The memory subsystem uses uniform memory access, which reduces latency and gives all
processors equal access times to either memory bus.
In systems using nonuniform memory access
architectures, a processor has quick access to one memory bus but incurs a lag time (or latency)
when accessing a second memory bus.
The
ProLiant
8000 server supports up to 16 GB of error checking and correcting SDRAM that
corrects all single-bit errors and detects double-bit errors.
Memory is divided into eight banks,
each consisting of two dual inline memory modules.
Although the Profusion chipset supports up to 32 GB of memory, industry-standard OSs provide
only minimal support and scalability for this memory capacity, and enhanced support will not be
available for an extended period.
Also, in discussions with customers, Compaq learned that very
few server implementations are fully configured with memory.

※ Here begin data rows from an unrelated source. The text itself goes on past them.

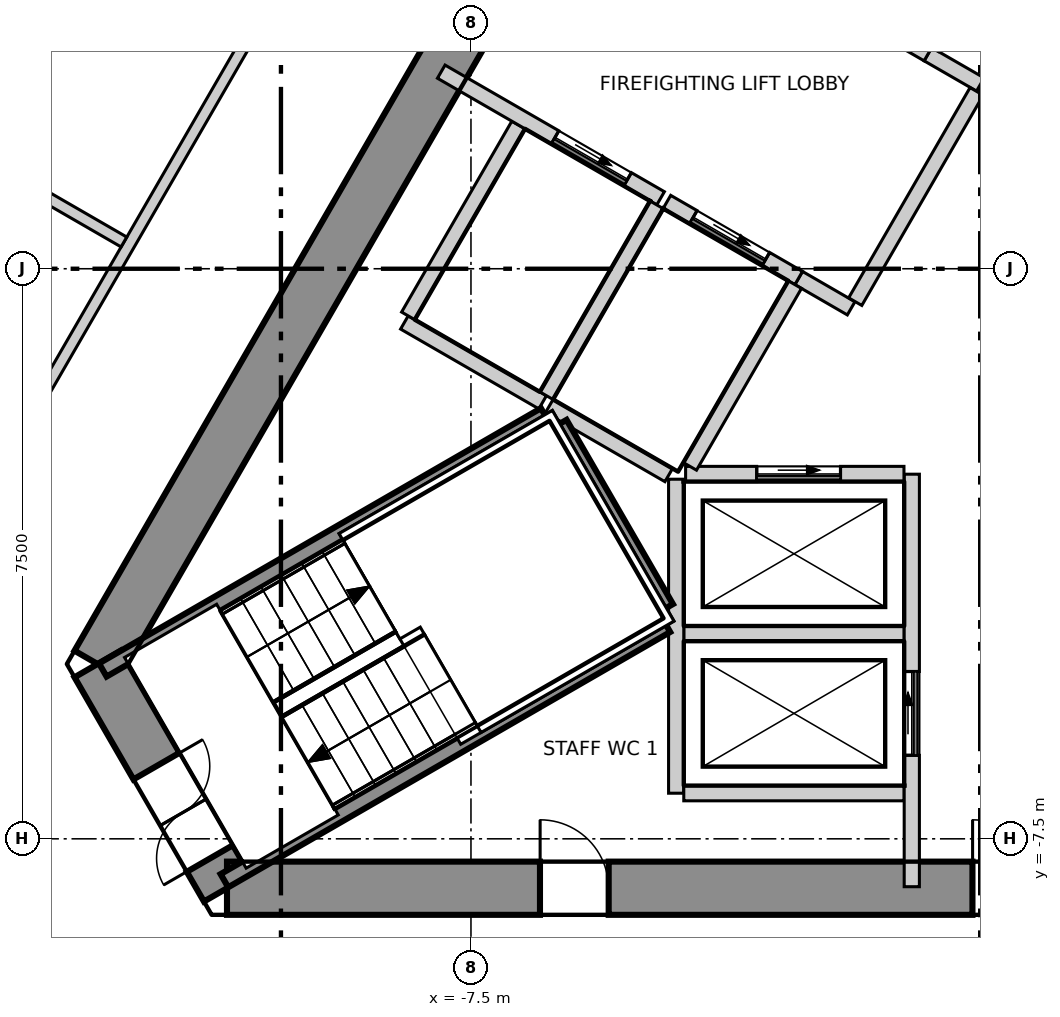
"""IFC4 building model, lengths in metres.
Left out: names, types, materials, properties, quantities, classifications, styles, units other than length and angle.
Written with IfcOpenShell. Run it as: python <this file> out.ifc"""

import sys

from ifc_helpers import new_model, si_unit, direction, frame, frame_2d, origin, place, context, subcontext, project, spatial, polyline, rectangle, outline, extrude, element, fill, save


model = new_model("IFC4")
c1 = context("Model", 3, precision=1e-05, world=origin(), true_north=direction((0.0, 1.0)))
c2 = subcontext(c1, "Body", "Model", "MODEL_VIEW")
j1 = project(units=[si_unit("LENGTHUNIT", "METRE"), si_unit("PLANEANGLEUNIT", "RADIAN")], contexts=[c1])
p1 = place(None, origin())
s1 = spatial("IfcSite", under=j1, at=p1, CompositionType="ELEMENT")
p2 = place(p1, origin())
s2 = spatial("IfcBuilding", under=s1, at=p2, CompositionType="ELEMENT")
p3 = place(p2, frame((0.0, 0.0, 251.3)))
s3 = spatial("IfcBuildingStorey", under=s2, at=p3, CompositionType="ELEMENT", Elevation=251.3)
p4 = place(p3, frame((-1.703, 13.35, -0.3), z_axis=(0.0, 0.0, 1.0), x_axis=(-0.500011533395, -0.866018744874, 0.0)))
e1 = element("IfcWall", 1, at=p4, inside=s3, PredefinedType="SHEAR", context=c2, shape_type="SweptSolid", body=[
    extrude(outline(polyline([(-0.202, -0.35), (1.782, -0.35), (3.766, -0.35), (5.75, -0.35), (7.734, -0.35), (9.718, -0.35), (11.702, -0.35), (13.686, -0.35), (15.67, -0.35), (17.654, -0.35), (19.638, -0.35), (21.622, -0.35), (21.218, 0.35), (19.307, 0.35), (17.397, 0.35), (15.486, 0.35), (13.576, 0.35), (11.665, 0.35), (9.755, 0.35), (7.844, 0.35), (5.934, 0.35), (4.023, 0.35), (2.113, 0.35), (0.202, 0.35), (-0.202, -0.35)])), origin(), (0.0, 0.0, 1.0), 4.2),
])
p5 = place(p4, frame((10.16, 0.0, 0.3)))
e2 = element("IfcOpeningElement", 2, at=p5, cuts=e1, PredefinedType="OPENING", context=c2, shape_type="SweptSolid", body=[
    extrude(rectangle(XDim=1.1, YDim=2.1, at=frame_2d((0.55, 1.05))), frame((0.0, 0.36, 0.0), z_axis=(0.0, -1.0, 0.0), x_axis=(1.0, 0.0, 0.0)), (0.0, 0.0, 1.0), 0.72),
])
p6 = place(p3, frame((-12.413, -5.2, -0.3), z_axis=(0.0, 0.0, 1.0), x_axis=(0.49999337185, -0.866029230515, 0.0)))
e3 = element("IfcWall", 3, at=p6, inside=s3, PredefinedType="SHEAR", context=c2, shape_type="SweptSolid", body=[
    extrude(outline(polyline([(-0.202, -0.35), (1.703, -0.35), (3.608, -0.35), (3.204, 0.35), (1.703, 0.35), (0.202, 0.35), (-0.202, -0.35)])), origin(), (0.0, 0.0, 1.0), 4.2),
])
p7 = place(p6, frame((1.553, 0.0, 0.3)))
e4 = element("IfcOpeningElement", 4, at=p7, cuts=e3, PredefinedType="OPENING", context=c2, shape_type="SweptSolid", body=[
    extrude(rectangle(XDim=1.4, YDim=2.1, at=frame_2d((0.7, 1.05))), frame((0.0, 0.36, 0.0), z_axis=(0.0, -1.0, 0.0), x_axis=(1.0, 0.0, 0.0)), (0.0, 0.0, 1.0), 0.72),
])
p8 = place(p3, frame((-10.71, -8.15, -0.3), z_axis=(0.0, 0.0, 1.0), x_axis=(1.0, 0.0, 0.0)))
e5 = element("IfcWall", 5, at=p8, inside=s3, PredefinedType="SHEAR", context=c2, shape_type="SweptSolid", body=[
    extrude(outline(polyline([(-0.202, -0.35), (1.782, -0.35), (3.766, -0.35), (5.75, -0.35), (7.734, -0.35), (9.718, -0.35), (11.702, -0.35), (13.686, -0.35), (15.67, -0.35), (17.654, -0.35), (19.638, -0.35), (21.622, -0.35), (21.218, 0.35), (19.307, 0.35), (17.397, 0.35), (15.486, 0.35), (13.576, 0.35), (11.665, 0.35), (9.755, 0.35), (7.844, 0.35), (5.934, 0.35), (4.023, 0.35), (2.113, 0.35), (0.202, 0.35), (-0.202, -0.35)])), origin(), (0.0, 0.0, 1.0), 4.2),
])
p9 = place(p8, frame((9.81, 0.0, 0.3)))
e6 = element("IfcOpeningElement", 6, at=p9, cuts=e5, PredefinedType="OPENING", context=c2, shape_type="SweptSolid", body=[
    extrude(rectangle(XDim=1.8, YDim=2.1, at=frame_2d((0.9, 1.05))), frame((0.0, 0.36, 0.0), z_axis=(0.0, -1.0, 0.0), x_axis=(1.0, 0.0, 0.0)), (0.0, 0.0, 1.0), 0.72),
])
p10 = place(p8, frame((4.12, 0.0, 0.3)))
e7 = element("IfcOpeningElement", 7, at=p10, cuts=e5, PredefinedType="OPENING", context=c2, shape_type="SweptSolid", body=[
    extrude(rectangle(XDim=0.9, YDim=2.1, at=frame_2d((0.45, 1.05))), frame((0.0, 0.36, 0.0), z_axis=(0.0, -1.0, 0.0), x_axis=(1.0, 0.0, 0.0)), (0.0, 0.0, 1.0), 0.72),
])
p11 = place(p3, frame((-2.641, 29.489, 0.0), z_axis=(0.0, 0.0, 1.0), x_axis=(-0.500004868955, -0.866022592674, 0.0)))
e8 = element("IfcWall", 8, at=p11, inside=s3, PredefinedType="ELEMENTEDWALL", context=c2, shape_type="SweptSolid", body=[
    extrude(rectangle(XDim=48.416, YDim=0.2, at=frame_2d((24.208, 0.0))), origin(), (0.0, 0.0, 1.0), 3.9),
])
p12 = place(p11, frame((2.067, 0.0, 0.9)))
e9 = element("IfcOpeningElement", 9, at=p12, cuts=e8, PredefinedType="OPENING", context=c2, shape_type="SweptSolid", body=[
    extrude(rectangle(XDim=4.2, YDim=2.5, at=frame_2d((2.1, 1.25))), frame((0.0, 0.11, 0.0), z_axis=(0.0, -1.0, 0.0), x_axis=(1.0, 0.0, 0.0)), (0.0, 0.0, 1.0), 0.22),
])
p13 = place(p11, frame((7.796, 0.0, 0.9)))
e10 = element("IfcOpeningElement", 10, at=p13, cuts=e8, PredefinedType="OPENING", context=c2, shape_type="SweptSolid", body=[
    extrude(rectangle(XDim=4.2, YDim=2.5, at=frame_2d((2.1, 1.25))), frame((0.0, 0.11, 0.0), z_axis=(0.0, -1.0, 0.0), x_axis=(1.0, 0.0, 0.0)), (0.0, 0.0, 1.0), 0.22),
])
p14 = place(p11, frame((13.524, 0.0, 0.9)))
e11 = element("IfcOpeningElement", 11, at=p14, cuts=e8, PredefinedType="OPENING", context=c2, shape_type="SweptSolid", body=[
    extrude(rectangle(XDim=4.2, YDim=2.5, at=frame_2d((2.1, 1.25))), frame((0.0, 0.11, 0.0), z_axis=(0.0, -1.0, 0.0), x_axis=(1.0, 0.0, 0.0)), (0.0, 0.0, 1.0), 0.22),
])
p15 = place(p11, frame((19.253, 0.0, 0.9)))
e12 = element("IfcOpeningElement", 12, at=p15, cuts=e8, PredefinedType="OPENING", context=c2, shape_type="SweptSolid", body=[
    extrude(rectangle(XDim=4.2, YDim=2.5, at=frame_2d((2.1, 1.25))), frame((0.0, 0.11, 0.0), z_axis=(0.0, -1.0, 0.0), x_axis=(1.0, 0.0, 0.0)), (0.0, 0.0, 1.0), 0.22),
])
p16 = place(p11, frame((24.982, 0.0, 0.9)))
e13 = element("IfcOpeningElement", 13, at=p16, cuts=e8, PredefinedType="OPENING", context=c2, shape_type="SweptSolid", body=[
    extrude(rectangle(XDim=4.2, YDim=2.5, at=frame_2d((2.1, 1.25))), frame((0.0, 0.11, 0.0), z_axis=(0.0, -1.0, 0.0), x_axis=(1.0, 0.0, 0.0)), (0.0, 0.0, 1.0), 0.22),
])
p17 = place(p11, frame((30.711, 0.0, 0.9)))
e14 = element("IfcOpeningElement", 14, at=p17, cuts=e8, PredefinedType="OPENING", context=c2, shape_type="SweptSolid", body=[
    extrude(rectangle(XDim=4.2, YDim=2.5, at=frame_2d((2.1, 1.25))), frame((0.0, 0.11, 0.0), z_axis=(0.0, -1.0, 0.0), x_axis=(1.0, 0.0, 0.0)), (0.0, 0.0, 1.0), 0.22),
])
p18 = place(p11, frame((36.439, 0.0, 0.9)))
e15 = element("IfcOpeningElement", 15, at=p18, cuts=e8, PredefinedType="OPENING", context=c2, shape_type="SweptSolid", body=[
    extrude(rectangle(XDim=4.2, YDim=2.5, at=frame_2d((2.1, 1.25))), frame((0.0, 0.11, 0.0), z_axis=(0.0, -1.0, 0.0), x_axis=(1.0, 0.0, 0.0)), (0.0, 0.0, 1.0), 0.22),
])
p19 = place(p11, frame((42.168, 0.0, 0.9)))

With this in mind, Compaq used the
internal server space to provide additional drive capacity in the
ProLiant
8000 server.
As customer
requirements and OS capabilities increase in the future, Compaq will continue to modify servers to
match these requirements.
Cache Accelerators
One of the main challenges of designing an efficient SMP architecture is maintaining cache
coherency.
To allow faster access to memory, most processors write data to cache memory rather
than to main memory.
When a processor writes data to its cache, the cache has a newer copy of the
data than main memory.
Cache coherency ensures that the most recent copy of the data is read by
any device that requests it.
The cache coherency protocol essentially makes the cache look like
main memory.
Cache coherency is critical for the proper operation of an SMP architecture, and the
performance and scalability of the architecture is affected by how efficiently it maintains cache
coherency.
With multiple processor buses and a separate I/O bus, it is extremely challenging to maintain cache
coherency in the 8-way architecture.
Each memory access must look at, or snoop, the caches on its
local processor bus and snoop all caches on the remote processor bus and the I/O bus.
The amount
of snoop traffic can significantly impact the scalability of the system.
The
ProLiant
8000 architecture uses cache accelerators to minimize snoop traffic to the remote
processor bus and I/O bus.
The cache accelerators store the address and state of the data for all
caches on their respective buses.
The Profusion crossbar switch uses this information to determine
whether to snoop the remote processor and I/O buses.
Depending on how often a software
application shares data, the reduction in snoop traffic can significantly improve overall system
performance and scalability.
I/O Filter
The
ProLiant
8000 server also includes three Compaq host-to-PCI bridges with prefetch buffers, so
they act as caching bridges.
The Profusion chipset contains a built-in I/O filter for the caching
bridges on the I/O bus.
The I/O filter enhances performance by reducing snoop traffic on the I/O
bus.
This I/O filter is designed to work with all three of the Compaq host-to-PCI bridges.
When a
processor requests a cache line with the intent to modify it, the MAC performs a lookup into the
I/O filter to determine if that line resides in one of the caching bridges.
If it does reside there, the
MAC initiates a transaction on the I/O bus to invalidate that cache line.
If the cache line is not
present in one of the bridges, then no transaction is run on the bus.